The Ohio EPA declined comment.

Lange sent the petitions to the Ohio EPA and Weisdack, not the state health department. He says he's given up on Indian's department, believing it overburdened and lacking incentive to expose ugly truths. Indian's reports "are practically guaranteed to be a whitewash of corporate misbehavior," Lange says. Some environmental activists echo that assessment, contending that Indian's studies elsewhere have gone out of their way to discount health risks.

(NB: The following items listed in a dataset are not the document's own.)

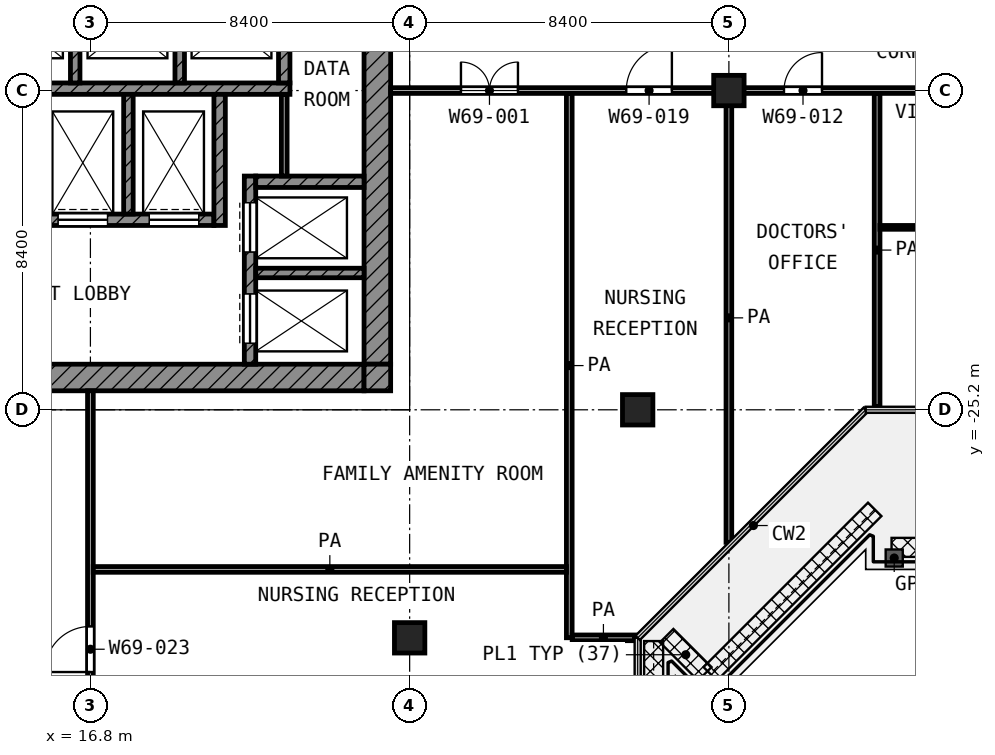
"""IFC4 building model, lengths in metres.
Left out: names, types, materials, properties, quantities, classifications, styles, units other than length and angle.
Written with IfcOpenShell. Run it as: python <this file> out.ifc"""

import sys

from ifc_helpers import new_model, si_unit, direction, frame, frame_2d, origin, origin_2d, place, context, subcontext, project, spatial, rectangle, extrude, element, fill, save


model = new_model("IFC4")
c1 = context("Model", 3, precision=1e-05, world=origin(), true_north=direction((0.0, 1.0)))
c2 = subcontext(c1, "Body", "Model", "MODEL_VIEW")
j1 = project(units=[si_unit("LENGTHUNIT", "METRE"), si_unit("PLANEANGLEUNIT", "RADIAN")], contexts=[c1])
p1 = place(None, origin())
s1 = spatial("IfcSite", under=j1, at=p1, CompositionType="ELEMENT")
p2 = place(p1, origin())
s2 = spatial("IfcBuilding", under=s1, at=p2, CompositionType="ELEMENT")
p3 = place(p2, frame((0.0, 0.0, 319.6)))
s3 = spatial("IfcBuildingStorey", under=s2, at=p3, CompositionType="ELEMENT", Elevation=319.6)
for number, where, z_axis, x_axis in (
    (1, (33.6, -16.8, 0.0), (0.0, 0.0, 1.0), (1.0, 0.0, 0.0)),
    (2, (31.2, -25.2, 0.0), (0.0, 0.0, 1.0), (1.0, 0.0, 0.0)),
    (3, (25.2, -31.2, 0.0), (0.0, 0.0, 1.0), (1.0, 0.0, 0.0)),
):
    element("IfcColumn", number, at=place(p3, frame(where, z_axis=z_axis, x_axis=x_axis)), inside=s3, PredefinedType="COLUMN", context=c2, shape_type="SweptSolid", body=[
        extrude(rectangle(XDim=0.8, YDim=0.8, at=origin_2d()), origin(), (0.0, 0.0, 1.0), 4.2),
    ])
p4 = place(p3, frame((24.35, -24.0, 0.0), z_axis=(0.0, 0.0, 1.0), x_axis=(0.0, 1.0, 0.0)))
e4 = element("IfcWall", 4, at=p4, inside=s3, PredefinedType="SHEAR", context=c2, shape_type="SweptSolid", body=[
    extrude(rectangle(XDim=18.6, YDim=0.7, at=frame_2d((9.3, 0.0))), origin(), (0.0, 0.0, 1.0), 3.6),
])
p5 = place(p4, frame((10.5, 0.0, 0.0)))
e5 = element("IfcOpeningElement", 5, at=p5, cuts=e4, PredefinedType="OPENING", context=c2, shape_type="SweptSolid", body=[
    extrude(rectangle(XDim=1.8, YDim=2.1, at=frame_2d((0.9, 1.05))), frame((0.0, 0.36, 0.0), z_axis=(0.0, -1.0, 0.0), x_axis=(1.0, 0.0, 0.0)), (0.0, 0.0, 1.0), 0.72),
])
p6 = place(p3, frame((5.4, -24.35, 0.0), z_axis=(0.0, 0.0, 1.0), x_axis=(1.0, 0.0, 0.0)))
e6 = element("IfcWall", 6, at=p6, inside=s3, PredefinedType="SHEAR", context=c2, shape_type="SweptSolid", body=[
    extrude(rectangle(XDim=18.6, YDim=0.7, at=frame_2d((9.3, 0.0))), origin(), (0.0, 0.0, 1.0), 3.6),
])
p7 = place(p6, frame((6.3, 0.0, 0.0)))
e7 = element("IfcOpeningElement", 7, at=p7, cuts=e6, PredefinedType="OPENING", context=c2, shape_type="SweptSolid", body=[
    extrude(rectangle(XDim=1.8, YDim=2.1, at=frame_2d((0.9, 1.05))), frame((0.0, 0.36, 0.0), z_axis=(0.0, -1.0, 0.0), x_axis=(1.0, 0.0, 0.0)), (0.0, 0.0, 1.0), 0.72),
])
p8 = place(p3, frame((24.35, -24.7, 0.0), z_axis=(0.0, 0.0, 1.0), x_axis=(0.0, 1.0, 0.0)))
e8 = element("IfcWall", 8, at=p8, inside=s3, PredefinedType="SHEAR", context=c2, shape_type="SweptSolid", body=[
    extrude(rectangle(XDim=0.7, YDim=0.7, at=frame_2d((0.35, 0.0))), origin(), (0.0, 0.0, 1.0), 3.6),
])
p9 = place(p3, frame((5.4, -16.75, 0.0), z_axis=(0.0, 0.0, 1.0), x_axis=(1.0, 0.0, 0.0)))
e9 = element("IfcWall", 9, at=p9, inside=s3, PredefinedType="SHEAR", context=c2, shape_type="SweptSolid", body=[
    extrude(rectangle(XDim=16.65, YDim=0.3, at=frame_2d((8.325, 0.0))), origin(), (0.0, 0.0, 1.0), 3.6),
])
p10 = place(p3, frame((5.4, -20.2, 0.0), z_axis=(0.0, 0.0, 1.0), x_axis=(1.0, 0.0, 0.0)))
e10 = element("IfcWall", 10, at=p10, inside=s3, PredefinedType="SHEAR", context=c2, shape_type="SweptSolid", body=[
    extrude(rectangle(XDim=14.65, YDim=0.3, at=frame_2d((7.325, 0.0))), origin(), (0.0, 0.0, 1.0), 3.6),
])
p11 = place(p10, frame((10.55, 0.0, 0.0)))
e11 = element("IfcOpeningElement", 11, at=p11, cuts=e10, PredefinedType="OPENING", context=c2, shape_type="SweptSolid", body=[
    extrude(rectangle(XDim=1.3, YDim=2.1, at=frame_2d((0.65, 1.05))), frame((0.0, 0.16, 0.0), z_axis=(0.0, -1.0, 0.0), x_axis=(1.0, 0.0, 0.0)), (0.0, 0.0, 1.0), 0.32),
])
p12 = place(p10, frame((12.95, 0.0, 0.0)))
e12 = element("IfcOpeningElement", 12, at=p12, cuts=e10, PredefinedType="OPENING", context=c2, shape_type="SweptSolid", body=[
    extrude(rectangle(XDim=1.3, YDim=2.1, at=frame_2d((0.65, 1.05))), frame((0.0, 0.16, 0.0), z_axis=(0.0, -1.0, 0.0), x_axis=(1.0, 0.0, 0.0)), (0.0, 0.0, 1.0), 0.32),
])
p13 = place(p10, frame((0.55, 0.0, 0.0)))
e13 = element("IfcOpeningElement", 13, at=p13, cuts=e10, PredefinedType="OPENING", context=c2, shape_type="SweptSolid", body=[
    extrude(rectangle(XDim=1.3, YDim=2.1, at=frame_2d((0.65, 1.05))), frame((0.0, 0.16, 0.0), z_axis=(0.0, -1.0, 0.0), x_axis=(1.0, 0.0, 0.0)), (0.0, 0.0, 1.0), 0.32),
])
p14 = place(p10, frame((2.95, 0.0, 0.0)))
e14 = element("IfcOpeningElement", 14, at=p14, cuts=e10, PredefinedType="OPENING", context=c2, shape_type="SweptSolid", body=[
    extrude(rectangle(XDim=1.3, YDim=2.1, at=frame_2d((0.65, 1.05))), frame((0.0, 0.16, 0.0), z_axis=(0.0, -1.0, 0.0), x_axis=(1.0, 0.0, 0.0)), (0.0, 0.0, 1.0), 0.32),
])
p15 = place(p10, frame((5.35, 0.0, 0.0)))
e15 = element("IfcOpeningElement", 15, at=p15, cuts=e10, PredefinedType="OPENING", context=c2, shape_type="SweptSolid", body=[
    extrude(rectangle(XDim=0.9, YDim=2.1, at=frame_2d((0.45, 1.05))), frame((0.0, 0.16, 0.0), z_axis=(0.0, -1.0, 0.0), x_axis=(1.0, 0.0, 0.0)), (0.0, 0.0, 1.0), 0.32),
])
p16 = place(p10, frame((7.75, 0.0, 0.0)))
e16 = element("IfcOpeningElement", 16, at=p16, cuts=e10, PredefinedType="OPENING", context=c2, shape_type="SweptSolid", body=[
    extrude(rectangle(XDim=0.9, YDim=2.1, at=frame_2d((0.45, 1.05))), frame((0.0, 0.16, 0.0), z_axis=(0.0, -1.0, 0.0), x_axis=(1.0, 0.0, 0.0)), (0.0, 0.0, 1.0), 0.32),
])
p17 = place(p3, frame((20.2, -20.35, 0.0), z_axis=(0.0, 0.0, 1.0), x_axis=(0.0, 1.0, 0.0)))
e17 = element("IfcWall", 17, at=p17, inside=s3, PredefinedType="SHEAR", context=c2, shape_type="SweptSolid", body=[
    extrude(rectangle(XDim=3.45, YDim=0.3, at=frame_2d((1.725, 0.0))), origin(), (0.0, 0.0, 1.0), 3.6),
])
p18 = place(p3, frame((21.9, -16.6, 0.0), z_axis=(0.0, 0.0, 1.0), x_axis=(0.0, 1.0, 0.0)))
e18 = element("IfcWall", 18, at=p18, inside=s3, PredefinedType="SHEAR", context=c2, shape_type="SweptSolid", body=[
    extrude(rectangle(XDim=2.35, YDim=0.3, at=frame_2d((1.175, 0.0))), origin(), (0.0, 0.0, 1.0), 3.6),
])
p19 = place(p3, frame((21.15, -19.2, 0.0), z_axis=(0.0, 0.0, 1.0), x_axis=(1.0, 0.0, 0.0)))
e19 = element("IfcWall", 19, at=p19, inside=s3, PredefinedType="SHEAR", context=c2, shape_type="SweptSolid", body=[
    extrude(rectangle(XDim=2.85, YDim=0.3, at=frame_2d((1.425, 0.0))), origin(), (0.0, 0.0, 1.0), 3.6),
])
p20 = place(p3, frame((21.0, -24.0, 0.0), z_axis=(0.0, 0.0, 1.0), x_axis=(0.0, 1.0, 0.0)))
e20 = element("IfcWall", 20, at=p20, inside=s3, PredefinedType="SHEAR", context=c2, shape_type="SweptSolid", body=[
    extrude(rectangle(XDim=4.95, YDim=0.3, at=frame_2d((2.475, 0.0))), origin(), (0.0, 0.0, 1.0), 3.6),
])
p21 = place(p20, frame((2.95, 0.0, 0.0)))
e21 = element("IfcOpeningElement", 21, at=p21, cuts=e20, PredefinedType="OPENING", context=c2, shape_type="SweptSolid", body=[
    extrude(rectangle(XDim=1.3, YDim=2.1, at=frame_2d((0.65, 1.05))), frame((0.0, 0.16, 0.0), z_axis=(0.0, -1.0, 0.0), x_axis=(1.0, 0.0, 0.0)), (0.0, 0.0, 1.0), 0.32),
])
p22 = place(p20, frame((0.55, 0.0, 0.0)))
e22 = element("IfcOpeningElement", 22, at=p22, cuts=e20, PredefinedType="OPENING", context=c2, shape_type="SweptSolid", body=[
    extrude(rectangle(XDim=1.3, YDim=2.1, at=frame_2d((0.65, 1.05))), frame((0.0, 0.16, 0.0), z_axis=(0.0, -1.0, 0.0), x_axis=(1.0, 0.0, 0.0)), (0.0, 0.0, 1.0), 0.32),
])
p23 = place(p3, frame((21.15, -21.6, 0.0), z_axis=(0.0, 0.0, 1.0), x_axis=(1.0, 0.0, 0.0)))
e23 = element("IfcWall", 23, at=p23, inside=s3, PredefinedType="SHEAR", context=c2, shape_type="SweptSolid", body=[
    extrude(rectangle(XDim=2.85, YDim=0.25, at=frame_2d((1.425, 0.0))), origin(), (0.0, 0.0, 1.0), 3.6),
])
p24 = place(p3, frame((17.8, -20.05, 0.0), z_axis=(0.0, 0.0, 1.0), x_axis=(0.0, 1.0, 0.0)))
e24 = element("IfcWall", 24, at=p24, inside=s3, PredefinedType="SHEAR", context=c2, shape_type="SweptSolid", body=[
    extrude(rectangle(XDim=3.15, YDim=0.25, at=frame_2d((1.575, 0.0))), origin(), (0.0, 0.0, 1.0), 3.6),
])
for number, where, z_axis, x_axis in (
    (25, (16.4, -16.6, 0.0), (0.0, 0.0, 1.0), (0.0, 1.0, 0.0)),
    (26, (19.15, -16.6, 0.0), (0.0, 0.0, 1.0), (0.0, 1.0, 0.0)),
):
    element("IfcWall", number, at=place(p3, frame(where, z_axis=z_axis, x_axis=x_axis)), inside=s3, PredefinedType="SHEAR", context=c2, shape_type="SweptSolid", body=[
        extrude(rectangle(XDim=2.35, YDim=0.25, at=frame_2d((1.175, 0.0))), origin(), (0.0, 0.0, 1.0), 3.6),
    ])
p25 = place(p3, frame((21.9, -19.05, 0.0), z_axis=(0.0, 0.0, 1.0), x_axis=(0.0, 1.0, 0.0)))
e27 = element("IfcWall", 27, at=p25, inside=s3, PredefinedType="PARTITIONING", context=c2, shape_type="SweptSolid", body=[
    extrude(rectangle(XDim=2.15, YDim=0.15, at=frame_2d((1.075, 0.0))), origin(), (0.0, 0.0, 1.0), 3.6),
])
p26 = place(p3, frame((37.575, -20.4, 0.0), z_axis=(0.0, 0.0, 1.0), x_axis=(1.0, 0.0, 0.0)))
e28 = element("IfcWall", 28, at=p26, inside=s3, PredefinedType="PARTITIONING", context=c2, shape_type="SweptSolid", body=[
    extrude(rectangle(XDim=8.55, YDim=0.1, at=frame_2d((4.275, 0.0))), origin(), (0.0, 0.0, 1.0), 3.6),
])
p27 = place(p26, frame((4.825, 0.0, 0.0)))
e29 = element("IfcOpeningElement", 29, at=p27, cuts=e28, PredefinedType="OPENING", context=c2, shape_type="SweptSolid", body=[
    extrude(rectangle(XDim=1.0, YDim=2.1, at=frame_2d((0.5, 1.05))), frame((0.0, 0.06, 0.0), z_axis=(0.0, -1.0, 0.0), x_axis=(1.0, 0.0, 0.0)), (0.0, 0.0, 1.0), 0.12),
])
p28 = place(p3, frame((29.477, -31.2, 0.0), z_axis=(0.0, 0.0, 1.0), x_axis=(1.0, 0.0, 0.0)))
e30 = element("IfcWall", 30, at=p28, inside=s3, PredefinedType="PARTITIONING", context=c2, shape_type="SweptSolid", body=[
    extrude(rectangle(XDim=1.643, YDim=0.15, at=frame_2d((0.822, 0.0))), origin(), (0.0, 0.0, 1.0), 3.6),
])
p29 = place(p3, frame((16.875, -29.4, 0.0), z_axis=(0.0, 0.0, 1.0), x_axis=(1.0, 0.0, 0.0)))
e31 = element("IfcWall", 31, at=p29, inside=s3, PredefinedType="PARTITIONING", context=c2, shape_type="SweptSolid", body=[
    extrude(rectangle(XDim=12.45, YDim=0.15, at=frame_2d((6.225, 0.0))), origin(), (0.0, 0.0, 1.0), 3.6),
])
p30 = place(p3, frame((24.7, -16.8, 0.0), z_axis=(0.0, 0.0, 1.0), x_axis=(1.0, 0.0, 0.0)))
e32 = element("IfcWall", 32, at=p30, inside=s3, PredefinedType="PARTITIONING", context=c2, shape_type="SweptSolid", body=[
    extrude(rectangle(XDim=34.02, YDim=0.15, at=frame_2d((17.01, 0.0))), origin(), (0.0, 0.0, 1.0), 3.6),
])
p31 = place(p30, frame((1.85, 0.0, 0.0)))
e33 = element("IfcOpeningElement", 33, at=p31, cuts=e32, PredefinedType="OPENING", context=c2, shape_type="SweptSolid", body=[
    extrude(rectangle(XDim=1.5, YDim=2.1, at=frame_2d((0.75, 1.05))), frame((0.0, 0.085, 0.0), z_axis=(0.0, -1.0, 0.0), x_axis=(1.0, 0.0, 0.0)), (0.0, 0.0, 1.0), 0.17),
])
p32 = place(p30, frame((6.2, 0.0, 0.0)))
e34 = element("IfcOpeningElement", 34, at=p32, cuts=e32, PredefinedType="OPENING", context=c2, shape_type="SweptSolid", body=[
    extrude(rectangle(XDim=1.2, YDim=2.1, at=frame_2d((0.6, 1.05))), frame((0.0, 0.085, 0.0), z_axis=(0.0, -1.0, 0.0), x_axis=(1.0, 0.0, 0.0)), (0.0, 0.0, 1.0), 0.17),
])
p33 = place(p30, frame((10.35, 0.0, 0.0)))
e35 = element("IfcOpeningElement", 35, at=p33, cuts=e32, PredefinedType="OPENING", context=c2, shape_type="SweptSolid", body=[
    extrude(rectangle(XDim=1.0, YDim=2.1, at=frame_2d((0.5, 1.05))), frame((0.0, 0.085, 0.0), z_axis=(0.0, -1.0, 0.0), x_axis=(1.0, 0.0, 0.0)), (0.0, 0.0, 1.0), 0.17),
])
p34 = place(p30, frame((20.0, 0.0, 0.0)))
e36 = element("IfcOpeningElement", 36, at=p34, cuts=e32, PredefinedType="OPENING", context=c2, shape_type="SweptSolid", body=[
    extrude(rectangle(XDim=1.2, YDim=2.1, at=frame_2d((0.6, 1.05))), frame((0.0, 0.085, 0.0), z_axis=(0.0, -1.0, 0.0), x_axis=(1.0, 0.0, 0.0)), (0.0, 0.0, 1.0), 0.17),
])
p35 = place(p30, frame((18.4, 0.0, 0.0)))
e37 = element("IfcOpeningElement", 37, at=p35, cuts=e32, PredefinedType="OPENING", context=c2, shape_type="SweptSolid", body=[
    extrude(rectangle(XDim=1.2, YDim=2.1, at=frame_2d((0.6, 1.05))), frame((0.0, 0.085, 0.0), z_axis=(0.0, -1.0, 0.0), x_axis=(1.0, 0.0, 0.0)), (0.0, 0.0, 1.0), 0.17),
])
p36 = place(p30, frame((23.1, 0.0, 0.0)))
e38 = element("IfcOpeningElement", 38, at=p36, cuts=e32, PredefinedType="OPENING", context=c2, shape_type="SweptSolid", body=[
    extrude(rectangle(XDim=1.0, YDim=2.1, at=frame_2d((0.5, 1.05))), frame((0.0, 0.085, 0.0), z_axis=(0.0, -1.0, 0.0), x_axis=(1.0, 0.0, 0.0)), (0.0, 0.0, 1.0), 0.17),
])
p37 = place(p30, frame((29.15, 0.0, 0.0)))
e39 = element("IfcOpeningElement", 39, at=p37, cuts=e32, PredefinedType="OPENING", context=c2, shape_type="SweptSolid", body=[
    extrude(rectangle(XDim=1.5, YDim=2.1, at=frame_2d((0.75, 1.05))), frame((0.0, 0.085, 0.0), z_axis=(0.0, -1.0, 0.0), x_axis=(1.0, 0.0, 0.0)), (0.0, 0.0, 1.0), 0.17),
])
p38 = place(p3, frame((16.8, -41.92, 0.0), z_axis=(0.0, 0.0, 1.0), x_axis=(0.0, 1.0, 0.0)))
e40 = element("IfcWall", 40, at=p38, inside=s3, PredefinedType="PARTITIONING", context=c2, shape_type="SweptSolid", body=[
    extrude(rectangle(XDim=17.22, YDim=0.15, at=frame_2d((8.61, 0.0))), origin(), (0.0, 0.0, 1.0), 3.6),
])
p39 = place(p38, frame((9.82, 0.0, 0.0)))
e41 = element("IfcOpeningElement", 41, at=p39, cuts=e40, PredefinedType="OPENING", context=c2, shape_type="SweptSolid", body=[
    extrude(rectangle(XDim=1.2, YDim=2.1, at=frame_2d((0.6, 1.05))), frame((0.0, 0.085, 0.0), z_axis=(0.0, -1.0, 0.0), x_axis=(1.0, 0.0, 0.0)), (0.0, 0.0, 1.0), 0.17),
])
p40 = place(p38, frame((5.87, 0.0, 0.0)))
e42 = element("IfcOpeningElement", 42, at=p40, cuts=e40, PredefinedType="OPENING", context=c2, shape_type="SweptSolid", body=[
    extrude(rectangle(XDim=1.0, YDim=2.1, at=frame_2d((0.5, 1.05))), frame((0.0, 0.085, 0.0), z_axis=(0.0, -1.0, 0.0), x_axis=(1.0, 0.0, 0.0)), (0.0, 0.0, 1.0), 0.17),
])
p41 = place(p38, frame((1.67, 0.0, 0.0)))
e43 = element("IfcOpeningElement", 43, at=p41, cuts=e40, PredefinedType="OPENING", context=c2, shape_type="SweptSolid", body=[
    extrude(rectangle(XDim=1.0, YDim=2.1, at=frame_2d((0.5, 1.05))), frame((0.0, 0.085, 0.0), z_axis=(0.0, -1.0, 0.0), x_axis=(1.0, 0.0, 0.0)), (0.0, 0.0, 1.0), 0.17),
])
p42 = place(p3, frame((29.4, -31.198, 0.0), z_axis=(0.0, 0.0, 1.0), x_axis=(0.0, 1.0, 0.0)))
e44 = element("IfcWall", 44, at=p42, inside=s3, PredefinedType="PARTITIONING", context=c2, shape_type="SweptSolid", body=[
    extrude(rectangle(XDim=14.323, YDim=0.15, at=frame_2d((7.162, 0.0))), origin(), (0.0, 0.0, 1.0), 3.6),
])
p43 = place(p3, frame((33.6, -28.687, 0.0), z_axis=(0.0, 0.0, 1.0), x_axis=(0.0, 1.0, 0.0)))
e45 = element("IfcWall", 45, at=p43, inside=s3, PredefinedType="PARTITIONING", context=c2, shape_type="SweptSolid", body=[
    extrude(rectangle(XDim=11.812, YDim=0.15, at=frame_2d((5.906, 0.0))), origin(), (0.0, 0.0, 1.0), 3.6),
])
p44 = place(p3, frame((37.5, -25.12, 0.0), z_axis=(0.0, 0.0, 1.0), x_axis=(0.0, 1.0, 0.0)))
e46 = element("IfcWall", 46, at=p44, inside=s3, PredefinedType="PARTITIONING", context=c2, shape_type="SweptSolid", body=[
    extrude(rectangle(XDim=8.245, YDim=0.15, at=frame_2d((4.123, 0.0))), origin(), (0.0, 0.0, 1.0), 3.6),
])
p45 = place(p21, origin())
e47 = element("IfcDoor", 47, at=p45, inside=s3, OperationType="DOUBLE_DOOR_SLIDING", PredefinedType="DOOR", context=c2, shape_type="SweptSolid", body=[
    extrude(rectangle(XDim=1.3, YDim=2.1, at=frame_2d((0.65, 1.05))), frame((0.0, 0.025, 0.0), z_axis=(0.0, -1.0, 0.0), x_axis=(1.0, 0.0, 0.0)), (0.0, 0.0, 1.0), 0.05),
])
fill(e21, e47)
p46 = place(p22, origin())
e48 = element("IfcDoor", 48, at=p46, inside=s3, OperationType="DOUBLE_DOOR_SLIDING", PredefinedType="DOOR", context=c2, shape_type="SweptSolid", body=[
    extrude(rectangle(XDim=1.3, YDim=2.1, at=frame_2d((0.65, 1.05))), frame((0.0, 0.025, 0.0), z_axis=(0.0, -1.0, 0.0), x_axis=(1.0, 0.0, 0.0)), (0.0, 0.0, 1.0), 0.05),
])
fill(e22, e48)
p47 = place(p11, origin())
e49 = element("IfcDoor", 49, at=p47, inside=s3, OperationType="DOUBLE_DOOR_SLIDING", PredefinedType="DOOR", context=c2, shape_type="SweptSolid", body=[
    extrude(rectangle(XDim=1.3, YDim=2.1, at=frame_2d((0.65, 1.05))), frame((0.0, 0.025, 0.0), z_axis=(0.0, -1.0, 0.0), x_axis=(1.0, 0.0, 0.0)), (0.0, 0.0, 1.0), 0.05),
])
fill(e11, e49)
p48 = place(p12, origin())
e50 = element("IfcDoor", 50, at=p48, inside=s3, OperationType="DOUBLE_DOOR_SLIDING", PredefinedType="DOOR", context=c2, shape_type="SweptSolid", body=[
    extrude(rectangle(XDim=1.3, YDim=2.1, at=frame_2d((0.65, 1.05))), frame((0.0, 0.025, 0.0), z_axis=(0.0, -1.0, 0.0), x_axis=(1.0, 0.0, 0.0)), (0.0, 0.0, 1.0), 0.05),
])
fill(e12, e50)
p49 = place(p31, origin())
e51 = element("IfcDoor", 51, at=p49, inside=s3, OperationType="DOUBLE_DOOR_SINGLE_SWING", PredefinedType="DOOR", context=c2, shape_type="SweptSolid", body=[
    extrude(rectangle(XDim=1.5, YDim=2.1, at=frame_2d((0.75, 1.05))), frame((0.0, 0.025, 0.0), z_axis=(0.0, -1.0, 0.0), x_axis=(1.0, 0.0, 0.0)), (0.0, 0.0, 1.0), 0.05),
])
fill(e33, e51)
p50 = place(p32, origin())
e52 = element("IfcDoor", 52, at=p50, inside=s3, OperationType="SINGLE_SWING_RIGHT", PredefinedType="DOOR", context=c2, shape_type="SweptSolid", body=[
    extrude(rectangle(XDim=1.2, YDim=2.1, at=frame_2d((0.6, 1.05))), frame((0.0, 0.025, 0.0), z_axis=(0.0, -1.0, 0.0), x_axis=(1.0, 0.0, 0.0)), (0.0, 0.0, 1.0), 0.05),
])
fill(e34, e52)
p51 = place(p33, origin())
e53 = element("IfcDoor", 53, at=p51, inside=s3, OperationType="SINGLE_SWING_RIGHT", PredefinedType="DOOR", context=c2, shape_type="SweptSolid", body=[
    extrude(rectangle(XDim=1.0, YDim=2.1, at=frame_2d((0.5, 1.05))), frame((0.0, 0.025, 0.0), z_axis=(0.0, -1.0, 0.0), x_axis=(1.0, 0.0, 0.0)), (0.0, 0.0, 1.0), 0.05),
])
fill(e35, e53)
p52 = place(p39, origin())
e54 = element("IfcDoor", 54, at=p52, inside=s3, OperationType="SINGLE_SWING_LEFT", PredefinedType="DOOR", context=c2, shape_type="SweptSolid", body=[
    extrude(rectangle(XDim=1.2, YDim=2.1, at=frame_2d((0.6, 1.05))), frame((0.0, 0.025, 0.0), z_axis=(0.0, -1.0, 0.0), x_axis=(1.0, 0.0, 0.0)), (0.0, 0.0, 1.0), 0.05),
])
fill(e41, e54)
save(model, sys.argv[1])

But the clergy group isn't making it easy on Weisdack, either. It asked him to undertake a study on his own and not wait for Indian. "We were hoping we'd have a maverick county health director to take on this case as his own, but we've been badly disappointed," Lange says.

Weisdack bridles at the accusations. He doesn't have the resources to do the study, he says. "Robert Indian has all the data. I don't. If someone else wants to do this more quickly, I'm not going to stop them. What's holding them back?"

Middlefield, meanwhile, continues to wait. Bonnie Cavanaugh, whose son suffers from a form of autism, believes Middlefield won't know the extent of the problem until a full study is complete. But Cavanaugh is beginning to doubt the motives of both the state and county health departments. "If they're not doing an assessment, that's an additional cover-up."